The Feelies – Here Before (Review)

April 13th, 2011 No comments

The Feelies – Here Before (4 Stars out of 5)

Well it’s only been 20 years or so since the last Feelies album and they have not missed a beat.

This band defines the term “Freaks and Geeks”.  They would appear to have been hanging out in Uncle Fred’s basement too long watching Mystery Science Theatre 3000 marathons. They play the role of Napoleon Dynamite to a T once they get up onstage and jam. The laughs would turn to aws as Million and Mercer lull the fans to a frenzy with their dueling guitars. Demeski is behind the drumkit and Weckerman to his side playing weird percussive instruments and Brenda Sauter keeps these for musketeers in line with her bass.

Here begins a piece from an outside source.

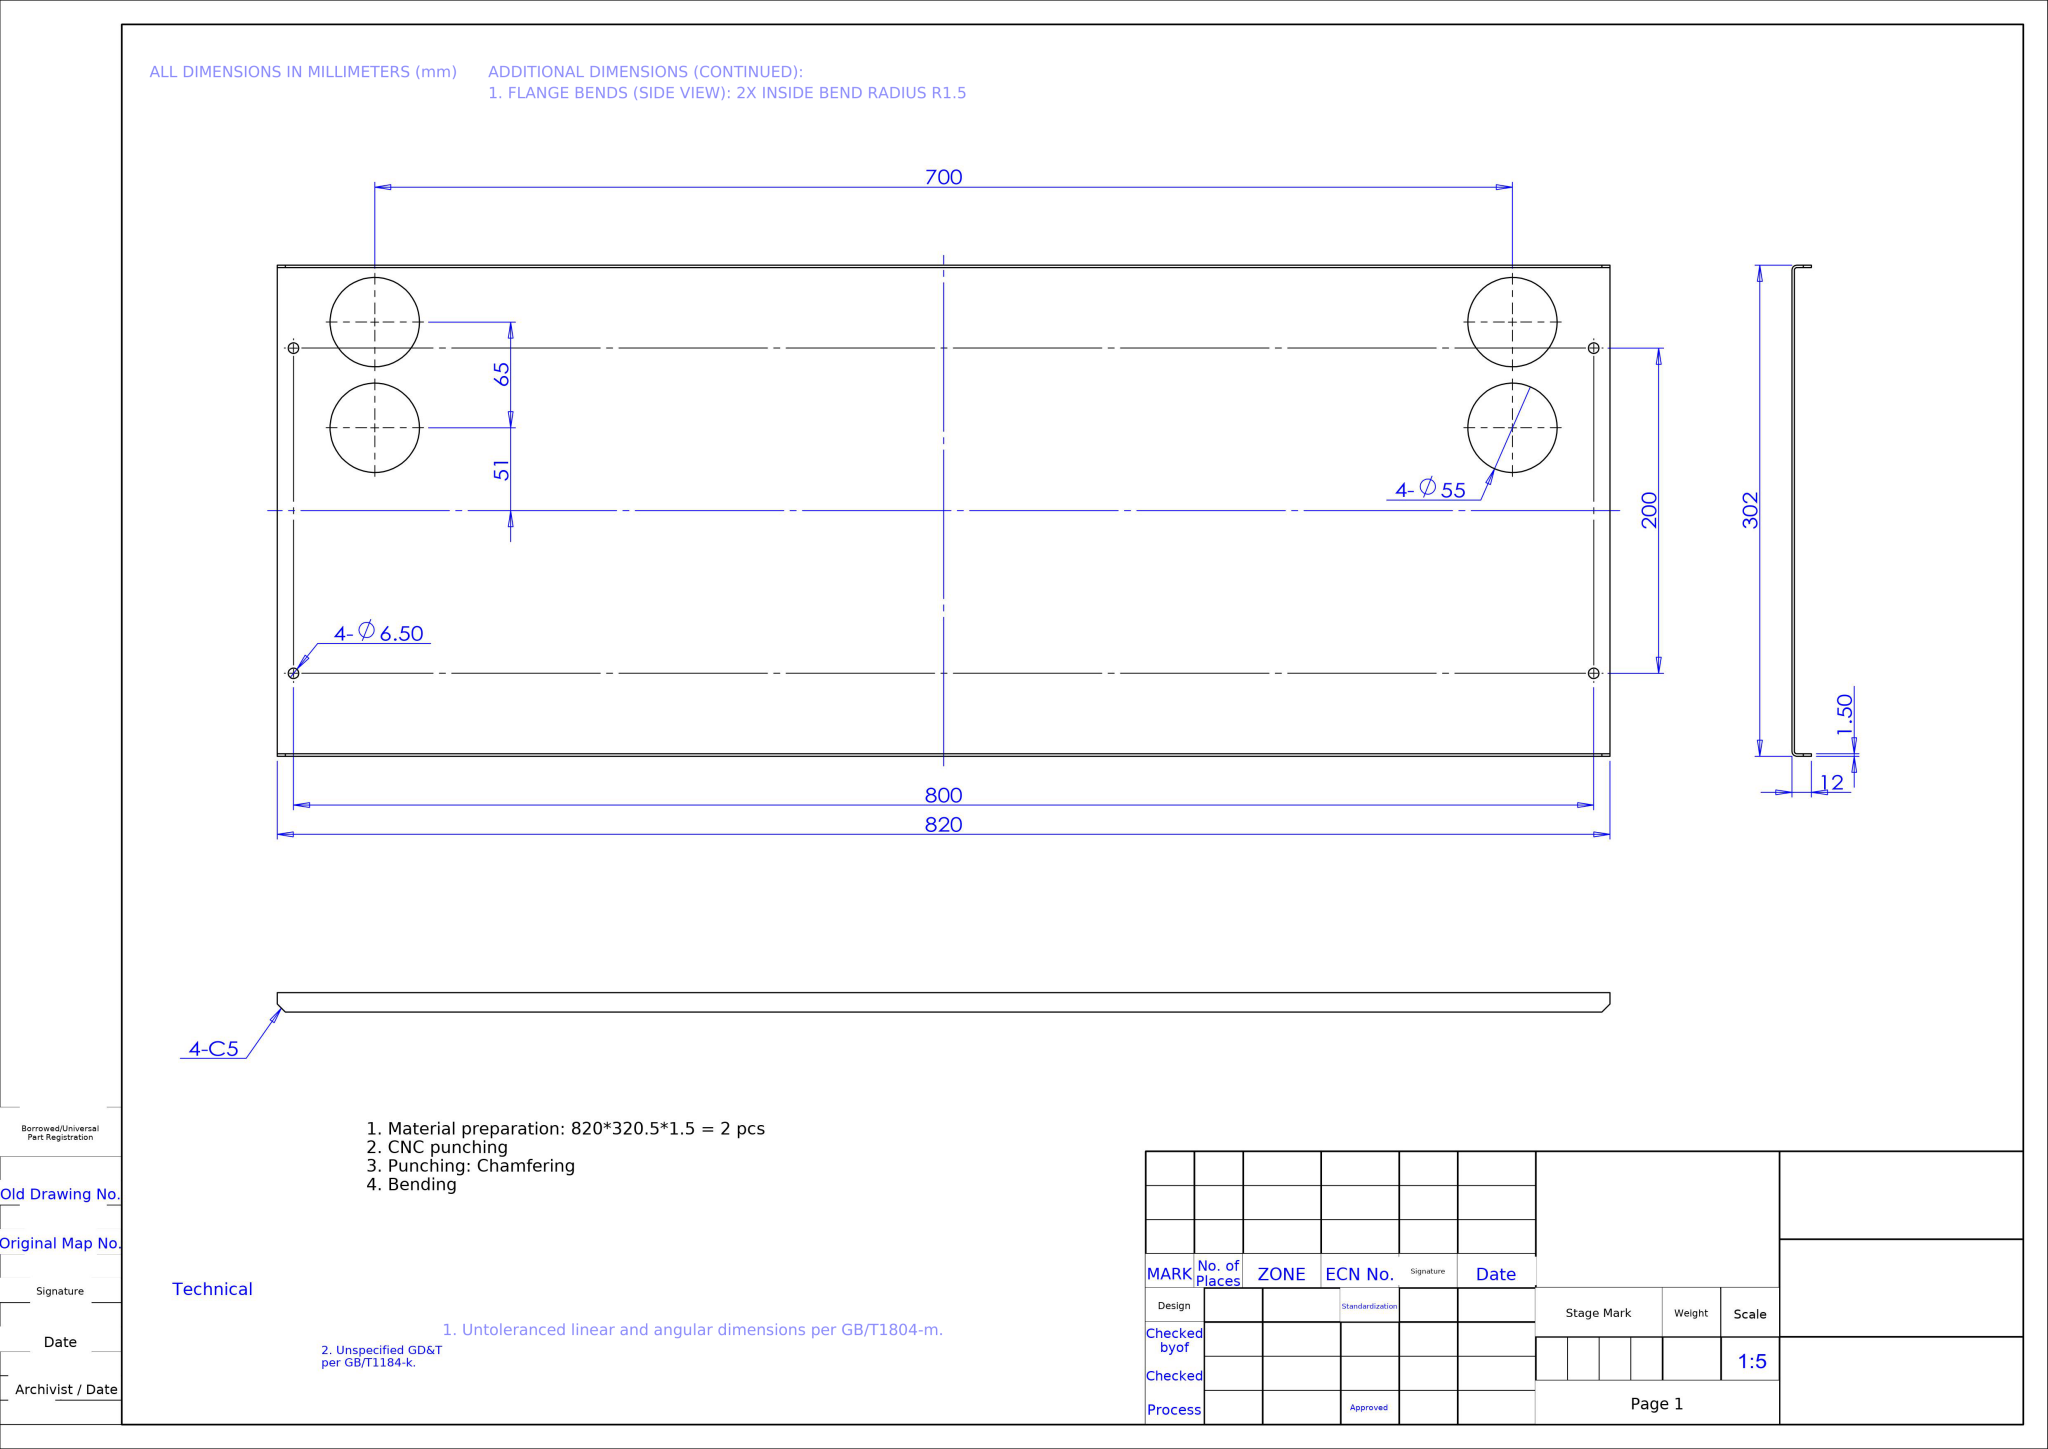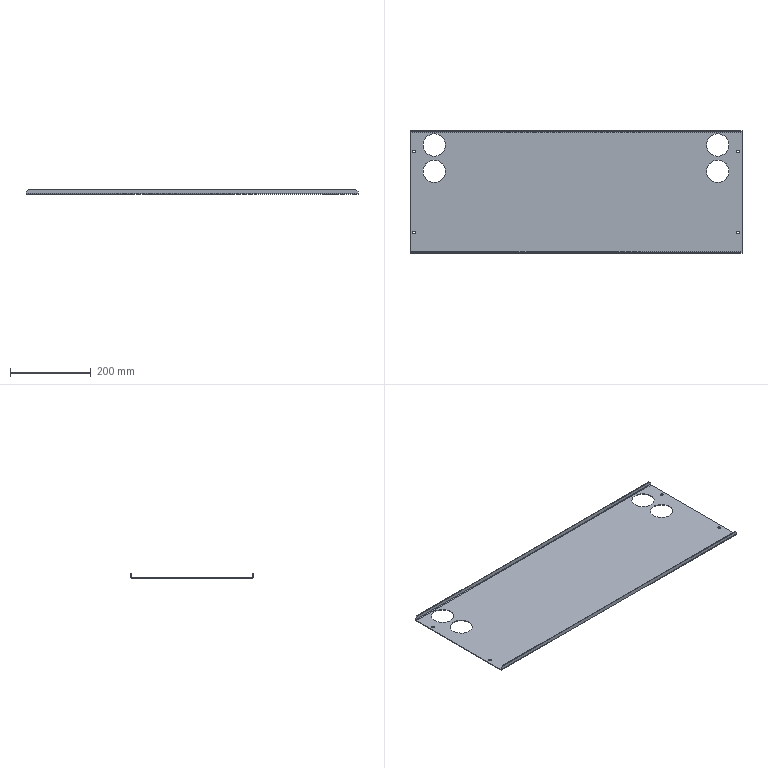Part | NX | mm | 1 solid | 42 faces | box 820 x 302 x 12 mm | volume 380385 mm3 | plane 22 | cylinder 20 | commonest cylinder face diameters 6.5 x8 55 x8 6 x2 3 x2

The Feelies first album “Crazy Rhythms” was the album that I felt R.E.M.’s first two releases (Chronic Town, Murmur) were most inspired by. (As a sidenote, it was obvious that the band was inspired by their sound, as Peter Buck ended up producing their second release ‘The Good Earth’, but my statement is not a factual grab at what the band had been inspired by at that point but the aspects of ‘Crazy Rhythms’s that always stood out were the drums and guitars and I believe that to be the case on R.E.M.’s first two albums.)

They have never received the true accolades that they deserve but at the same time you wonder if they really want it. And as the 21st Century has approached there has been a welcome need to explore the back catalog of the Feelies to remind younger listeners their influence on the rock scene today.

As my second “Fanboy” review in a row, “The Feelies” feel just about as out of place as they did when they were on the scene.  Their interviews are scarce. Getting a response over a few words from Glenn Mercer is a miracle. Their demise in the 90’s was never from any personal strife from within the band but Bill Million being offered a job in Florida. And so it went as the rest of the members went their separate ways with their separate projects. Glenn Mercer began to bring it all back with the release of his solo album ‘Wheels in Motion’ that was aided in no small part to all the other members of the Feelies minus Bill Million.

‘Here Before’ feels like a retrospective; a reflective look back not just at rock and roll but at themselves. That might be the case for the band that opened up their ‘Crazy Rhythms’ about crazy youth with “The Boy With the Perpetual Nervousness”. On ‘When You Know’ Mercer asks that question directly looking back at himself in their heyday. Were the antics of our youth silly or was their something greater and more important going on?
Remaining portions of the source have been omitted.